Nihon Kyukyu Igakukai Zasshi
Online ISSN : 1883-3772
Print ISSN : 0915-924X
ISSN-L : 0915-924X
Volume 25, Issue 2
Displaying 1-7 of 7 articles from this issue
Original Article
  • Takashiro Kondo , Mitsunaga Iwata , Yoshimi Kitagawa
    2014 Volume 25 Issue 2 Pages 37-42
    Published: February 15, 2014
    Released on J-STAGE: June 10, 2014
    JOURNAL FREE ACCESS
    Objectives: Symptoms of acute myocardial infarction (AMI) can be atypical, and some patients with AMI do not use an ambulance to travel to the emergency department (ED). The purpose of this study was to evaluate the characteristics of patients with AMI who do not arrive by ambulance (i.e., walk-in patients).

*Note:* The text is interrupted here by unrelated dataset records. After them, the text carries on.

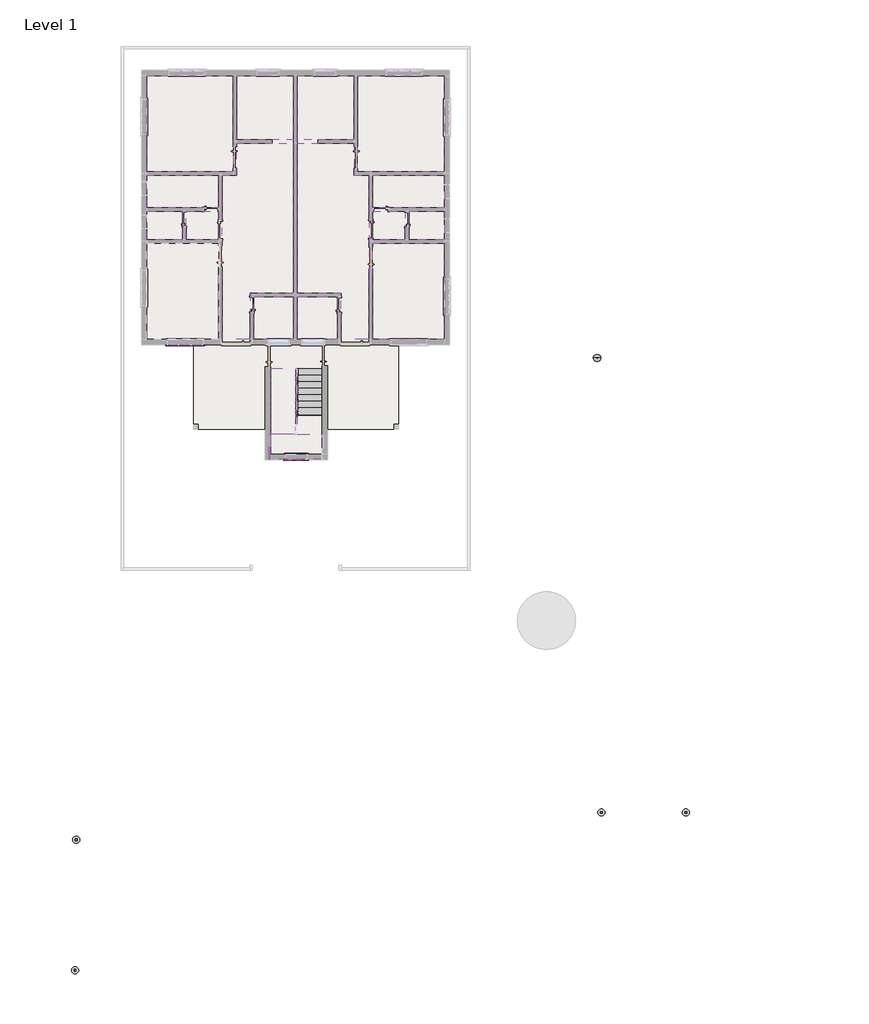
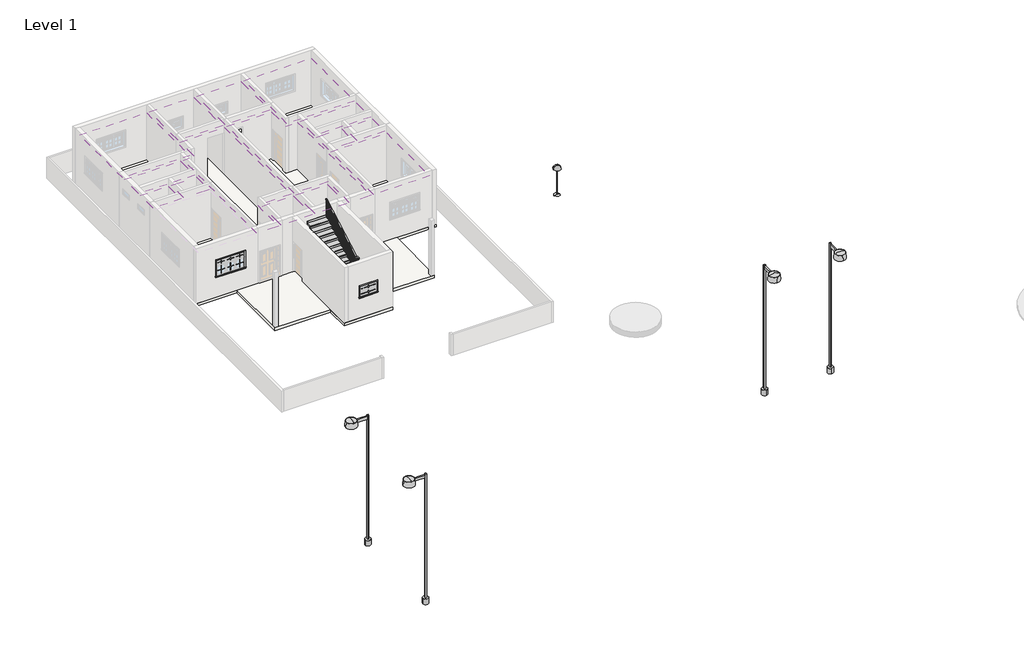
# One storey, part 3 of 4: 15 coverings, 11 proxies, 5 light fixtures, 2 slabs, 2 stair flights, 1 member, 1 railing.
"""IFC4 building model written with IfcOpenShell, lengths in millimetres."""

from ifc_helpers import new_model, si_unit, frame, origin, place, context, project, spatial, polyline, outline, extrude, faceted_brep, transform, mapped, element, save
from components import m_muntin_pattern_2x2_m_muntin_pattern_2x2_be83c6ce, m_muntin_pattern_2x2_m_muntin_pattern_2x2_d2526705, m_muntin_pattern_2x2_m_muntin_pattern_2x2_b257745b, m_muntin_pattern_2x2_m_muntin_pattern_2x2_3c44882e, m_muntin_pattern_2x2_m_muntin_pattern_2x2_c118e93d, m_trim_window_exterior_flat_with_sill_30a8f3cc, m_trim_window_exterior_flat_with_sill_78b3ef69, m_trim_window_interior_flat_picture_frame_87bc748b, m_floor_lamp_hemispheric_100w_277v_4a08ccbb, m_street_light_standard_400w_halogen_120v_204dbcbb, non_monolithic_landing_af9dc4bc, stair_flight_b7621f50, stair_flight_ccf2217f

model = new_model("IFC4")

# Units and contexts
model_context = context("Model", 3, world=origin())
ifc_project = project(units=[si_unit("LENGTHUNIT", "METRE", prefix="MILLI")], contexts=[model_context])

# Site, building, storey
site = spatial("IfcSite", under=ifc_project)
building = spatial("IfcBuilding", under=site)
storey = spatial("IfcBuildingStorey", under=building, Name="Level 1", Elevation=0.0)

# Proxies
placement = place(None, origin())
m_muntin_pattern_2x2_m_muntin_pattern_2x2_shape = m_muntin_pattern_2x2_m_muntin_pattern_2x2_be83c6ce(model_context)
element("IfcBuildingElementProxy", 1, Name="M_Muntin Pattern_2x2 : M_Muntin Pattern_2x2", ObjectType="M_Muntin Pattern_2x2 : M_Muntin Pattern_2x2", at=placement, inside=storey, context=model_context, shape_type="MappedRepresentation", body=[
    mapped(m_muntin_pattern_2x2_m_muntin_pattern_2x2_shape, transform((-11163.0966249, 7920.961641, 1289.05), x_axis=(-1.0, 0.0, 0.0), y_axis=(0.0, -1.0, 0.0), z_axis=(0.0, 0.0, 1.0))),
])
m_muntin_pattern_2x2_m_muntin_pattern_2x2_2_shape = m_muntin_pattern_2x2_m_muntin_pattern_2x2_d2526705(model_context)
element("IfcBuildingElementProxy", 2, Name="M_Muntin Pattern_2x2 : M_Muntin Pattern_2x2", ObjectType="M_Muntin Pattern_2x2 : M_Muntin Pattern_2x2", at=placement, inside=storey, context=model_context, shape_type="MappedRepresentation", body=[
    mapped(m_muntin_pattern_2x2_m_muntin_pattern_2x2_2_shape, transform((-12174.8632915, 7920.961641, 1289.05), x_axis=(1.0, 0.0, 0.0), y_axis=(0.0, 1.0, 0.0), z_axis=(0.0, 0.0, 1.0))),
])
element("IfcBuildingElementProxy", 3, Name="M_Muntin Pattern_2x2 : M_Muntin Pattern_2x2", ObjectType="M_Muntin Pattern_2x2 : M_Muntin Pattern_2x2", at=placement, inside=storey, context=model_context, shape_type="MappedRepresentation", body=[
    mapped(m_muntin_pattern_2x2_m_muntin_pattern_2x2_2_shape, transform((-11668.9799582, 7920.961641, 1289.05), x_axis=(1.0, 0.0, 0.0), y_axis=(0.0, 1.0, 0.0), z_axis=(0.0, 0.0, 1.0))),
])
m_muntin_pattern_2x2_m_muntin_pattern_2x2_3_shape = m_muntin_pattern_2x2_m_muntin_pattern_2x2_b257745b(model_context)
element("IfcBuildingElementProxy", 4, Name="M_Muntin Pattern_2x2 : M_Muntin Pattern_2x2", ObjectType="M_Muntin Pattern_2x2 : M_Muntin Pattern_2x2", at=placement, inside=storey, context=model_context, shape_type="MappedRepresentation", body=[
    mapped(m_muntin_pattern_2x2_m_muntin_pattern_2x2_3_shape, transform((-11668.9799582, 7920.961641, 1889.05), x_axis=(-1.0, 0.0, 0.0), y_axis=(0.0, -1.0, 0.0), z_axis=(0.0, 0.0, 1.0))),
])
element("IfcBuildingElementProxy", 5, Name="M_Muntin Pattern_2x2 : M_Muntin Pattern_2x2", ObjectType="M_Muntin Pattern_2x2 : M_Muntin Pattern_2x2", at=placement, inside=storey, context=model_context, shape_type="MappedRepresentation", body=[
    mapped(m_muntin_pattern_2x2_m_muntin_pattern_2x2_3_shape, transform((-12174.8632915, 7920.961641, 1889.05), x_axis=(-1.0, 0.0, 0.0), y_axis=(0.0, -1.0, 0.0), z_axis=(0.0, 0.0, 1.0))),
])
element("IfcBuildingElementProxy", 6, Name="M_Muntin Pattern_2x2 : M_Muntin Pattern_2x2", ObjectType="M_Muntin Pattern_2x2 : M_Muntin Pattern_2x2", at=placement, inside=storey, context=model_context, shape_type="MappedRepresentation", body=[
    mapped(m_muntin_pattern_2x2_m_muntin_pattern_2x2_3_shape, transform((-11163.0966249, 7920.961641, 1889.05), x_axis=(-1.0, 0.0, 0.0), y_axis=(0.0, -1.0, 0.0), z_axis=(0.0, 0.0, 1.0))),
])
m_muntin_pattern_2x2_m_muntin_pattern_2x2_4_shape = m_muntin_pattern_2x2_m_muntin_pattern_2x2_3c44882e(model_context)
element("IfcBuildingElementProxy", 7, Name="M_Muntin Pattern_2x2 : M_Muntin Pattern_2x2", ObjectType="M_Muntin Pattern_2x2 : M_Muntin Pattern_2x2", at=placement, inside=storey, context=model_context, shape_type="MappedRepresentation", body=[
    mapped(m_muntin_pattern_2x2_m_muntin_pattern_2x2_4_shape, transform((-6927.2581554, 3018.761641, 1589.05), x_axis=(-1.0, 0.0, 0.0), y_axis=(0.0, -1.0, 0.0), z_axis=(0.0, 0.0, 1.0))),
])
m_muntin_pattern_2x2_m_muntin_pattern_2x2_5_shape = m_muntin_pattern_2x2_m_muntin_pattern_2x2_c118e93d(model_context)
element("IfcBuildingElementProxy", 8, Name="M_Muntin Pattern_2x2 : M_Muntin Pattern_2x2", ObjectType="M_Muntin Pattern_2x2 : M_Muntin Pattern_2x2", at=placement, inside=storey, context=model_context, shape_type="MappedRepresentation", body=[
    mapped(m_muntin_pattern_2x2_m_muntin_pattern_2x2_5_shape, transform((-6927.2581554, 3018.761641, 1289.05), x_axis=(-1.0, 0.0, 0.0), y_axis=(0.0, -1.0, 0.0), z_axis=(0.0, 0.0, 1.0))),
])
m_trim_window_exterior_flat_with_sill_shape = m_trim_window_exterior_flat_with_sill_30a8f3cc(model_context)
element("IfcBuildingElementProxy", 9, Name="M_Trim-Window-Exterior-Flat : with Sill", ObjectType="M_Trim-Window-Exterior-Flat : with Sill", at=placement, inside=storey, context=model_context, shape_type="MappedRepresentation", body=[
    mapped(m_trim_window_exterior_flat_with_sill_shape, transform((-11668.9799582, 7911.436641, 2119.2), x_axis=(1.0, 0.0, 0.0), y_axis=(0.0, 0.0, 1.0), z_axis=(0.0, -1.0, 0.0))),
])
m_trim_window_exterior_flat_with_sill_2_shape = m_trim_window_exterior_flat_with_sill_78b3ef69(model_context)
element("IfcBuildingElementProxy", 10, Name="M_Trim-Window-Exterior-Flat : with Sill", ObjectType="M_Trim-Window-Exterior-Flat : with Sill", at=placement, inside=storey, context=model_context, shape_type="MappedRepresentation", body=[
    mapped(m_trim_window_exterior_flat_with_sill_2_shape, transform((-6927.2581554, 3009.236641, 1819.2), x_axis=(1.0, 0.0, 0.0), y_axis=(0.0, 0.0, 1.0), z_axis=(0.0, -1.0, 0.0))),
])
m_trim_window_interior_flat_picture_frame_shape = m_trim_window_interior_flat_picture_frame_87bc748b(model_context)
element("IfcBuildingElementProxy", 11, Name="M_Trim-Window-Interior-Flat : Picture Frame", ObjectType="M_Trim-Window-Interior-Flat : Picture Frame", at=placement, inside=storey, context=model_context, shape_type="MappedRepresentation", body=[
    mapped(m_trim_window_interior_flat_picture_frame_shape, transform((-6927.2581554, 3237.836641, 1819.2), x_axis=(-1.0, 0.0, 0.0), y_axis=(0.0, 0.0, 1.0), z_axis=(0.0, 1.0, 0.0))),
])

# Coverings
element("IfcCovering", 12, ObjectType="2' x 4' ACT System", at=placement, inside=storey, context=model_context, shape_type="SweptSolid", body=[
    extrude(outline(polyline([(-13313.6299582, 19417.636641), (-9630.6299582, 19417.636641), (-9630.6299582, 15302.836641), (-13313.6299582, 15302.836641), (-13313.6299582, 19417.636641)])), frame((0.0, 0.0, 2743.2), z_axis=(0.0, 0.0, 1.0), x_axis=(1.0, 0.0, 0.0)), (0.0, 0.0, 1.0), 57.15),
])
element("IfcCovering", 13, ObjectType="2' x 4' ACT System", at=placement, inside=storey, context=model_context, shape_type="SweptSolid", body=[
    extrude(outline(polyline([(-8894.0299582, 10121.236641), (-8894.0299582, 8140.036641), (-10087.8299582, 8140.036641), (-10087.8299582, 15150.436641), (-9478.2299582, 15150.436641), (-9478.2299582, 16522.036641), (-7039.8299582, 16522.036641), (-7039.8299582, 10121.236641), (-8894.0299582, 10121.236641)])), frame((0.0, 0.0, 2743.2), z_axis=(0.0, 0.0, 1.0), x_axis=(1.0, 0.0, 0.0)), (0.0, 0.0, 1.0), 57.15),
])
element("IfcCovering", 14, ObjectType="2' x 4' ACT System", at=placement, inside=storey, context=model_context, shape_type="SweptSolid", body=[
    extrude(outline(polyline([(-3814.0299582, 8140.036641), (-5007.8299582, 8140.036641), (-5007.8299582, 10121.236641), (-6887.4299582, 10121.236641), (-6887.4299582, 16522.036641), (-4449.0299582, 16522.036641), (-4449.0299582, 15150.436641), (-3814.0299582, 15150.436641), (-3814.0299582, 8140.036641)])), frame((0.0, 0.0, 2743.2), z_axis=(0.0, 0.0, 1.0), x_axis=(1.0, 0.0, 0.0)), (0.0, 0.0, 1.0), 57.15),
])
element("IfcCovering", 15, ObjectType="2' x 4' ACT System", at=placement, inside=storey, context=model_context, shape_type="SweptSolid", body=[
    extrude(outline(polyline([(-6887.4299582, 16674.436641), (-6887.4299582, 19417.636641), (-4449.0299582, 19417.636641), (-4449.0299582, 16674.436641), (-6887.4299582, 16674.436641)])), frame((0.0, 0.0, 2743.2), z_axis=(0.0, 0.0, 1.0), x_axis=(1.0, 0.0, 0.0)), (0.0, 0.0, 1.0), 57.15),
])
element("IfcCovering", 16, ObjectType="2' x 4' ACT System", at=placement, inside=storey, context=model_context, shape_type="SweptSolid", body=[
    extrude(outline(polyline([(-4296.6299582, 15302.836641), (-4296.6299582, 19417.636641), (-588.2299582, 19417.636641), (-588.2299582, 15302.836641), (-4296.6299582, 15302.836641)])), frame((0.0, 0.0, 2743.2), z_axis=(0.0, 0.0, 1.0), x_axis=(1.0, 0.0, 0.0)), (0.0, 0.0, 1.0), 57.15),
])
element("IfcCovering", 17, ObjectType="2' x 4' ACT System", at=placement, inside=storey, context=model_context, shape_type="SweptSolid", body=[
    extrude(outline(polyline([(-588.2299582, 15150.436641), (-588.2299582, 13778.836641), (-3661.6299582, 13778.836641), (-3661.6299582, 15150.436641), (-588.2299582, 15150.436641)])), frame((0.0, 0.0, 2743.2), z_axis=(0.0, 0.0, 1.0), x_axis=(1.0, 0.0, 0.0)), (0.0, 0.0, 1.0), 57.15),
])
element("IfcCovering", 18, ObjectType="2' x 4' ACT System", at=placement, inside=storey, context=model_context, shape_type="SweptSolid", body=[
    extrude(outline(polyline([(-2264.6299582, 12407.236641), (-3661.6299582, 12407.236641), (-3661.6299582, 13626.436641), (-2264.6299582, 13626.436641), (-2264.6299582, 12407.236641)])), frame((0.0, 0.0, 2743.2), z_axis=(0.0, 0.0, 1.0), x_axis=(1.0, 0.0, 0.0)), (0.0, 0.0, 1.0), 57.15),
])
element("IfcCovering", 19, ObjectType="2' x 4' ACT System", at=placement, inside=storey, context=model_context, shape_type="SweptSolid", body=[
    extrude(outline(polyline([(-2112.2299582, 13626.436641), (-588.2299582, 13626.436641), (-588.2299582, 12407.236641), (-2112.2299582, 12407.236641), (-2112.2299582, 13626.436641)])), frame((0.0, 0.0, 2743.2), z_axis=(0.0, 0.0, 1.0), x_axis=(1.0, 0.0, 0.0)), (0.0, 0.0, 1.0), 57.15),
])
element("IfcCovering", 20, ObjectType="2' x 4' ACT System", at=placement, inside=storey, context=model_context, shape_type="SweptSolid", body=[
    extrude(outline(polyline([(-588.2299582, 12254.836641), (-588.2299582, 8140.036641), (-3661.6299582, 8140.036641), (-3661.6299582, 12254.836641), (-588.2299582, 12254.836641)])), frame((0.0, 0.0, 2743.2), z_axis=(0.0, 0.0, 1.0), x_axis=(1.0, 0.0, 0.0)), (0.0, 0.0, 1.0), 57.15),
])
element("IfcCovering", 21, ObjectType="2' x 4' ACT System", at=placement, inside=storey, context=model_context, shape_type="SweptSolid", body=[
    extrude(outline(polyline([(-5160.2299582, 8140.036641), (-6887.4299582, 8140.036641), (-6887.4299582, 9968.836641), (-5160.2299582, 9968.836641), (-5160.2299582, 8140.036641)])), frame((0.0, 0.0, 2743.2), z_axis=(0.0, 0.0, 1.0), x_axis=(1.0, 0.0, 0.0)), (0.0, 0.0, 1.0), 57.15),
])
element("IfcCovering", 22, ObjectType="2' x 4' ACT System", at=placement, inside=storey, context=model_context, shape_type="SweptSolid", body=[
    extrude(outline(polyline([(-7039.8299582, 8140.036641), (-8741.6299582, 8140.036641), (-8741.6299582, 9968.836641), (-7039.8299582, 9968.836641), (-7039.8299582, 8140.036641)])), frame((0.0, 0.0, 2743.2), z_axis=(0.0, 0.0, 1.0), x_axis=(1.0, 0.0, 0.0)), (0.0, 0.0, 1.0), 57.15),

    Methods: A retrospective study was performed for all ST-elevation myocardial infarction (STEMI) patients who presented to the ED from April 1, 2006 to March 31, 2012 in an urban ED in Japan. We compared baseline characteristics and the initial management of patients who arrived by ambulance with those of walk-in patients. We also compared the severity and prognosis of AMI.
    Results: Data were collected from 362 patients. Of these, 95 (26.2%) arrived as walk-in patients and 267 (73.8%) arrived by ambulance. There was no significant difference in age and sex ratio between the groups. The onset-to-door time of the walk-in group was significantly longer than that of the ambulance group (median, 3 hours [IQR: 1-10]) vs. 2 hours [IQR: 1-4]), respectively, p<0.0001). Significantly fewer walk-in patients had chest symptoms (64.2% vs. 77.9%, respectively, p=0.01), but the proportion of patients with diabetes did not significantly differ between groups. The door-to-ECG time for the walk-in group was significantly longer (median, 10 minutes [IQR, 7-16] vs. 6 minutes [IQR: 3-8], respectively [p<0.0001]). The door-to-balloon time of the walk-in group was also significantly longer (median, 129 minutes [IQR: 99-160] vs. 104 minutes [IQR: 78-135], respectively [p<0.0001]). Peak CK and the proportions of patients with Killip IV class AMI, ventricular assist devices, and complications were not significantly different in the 2 groups. The length of hospital stay was significantly shorter for walk-in patients (median, 15 days [IQR: 12-22] vs. 17 days [IQR: 14-23], respectively, [p=0.03]). However, the length of ICU stay and the rates of inhospital death were not significantly different between the groups.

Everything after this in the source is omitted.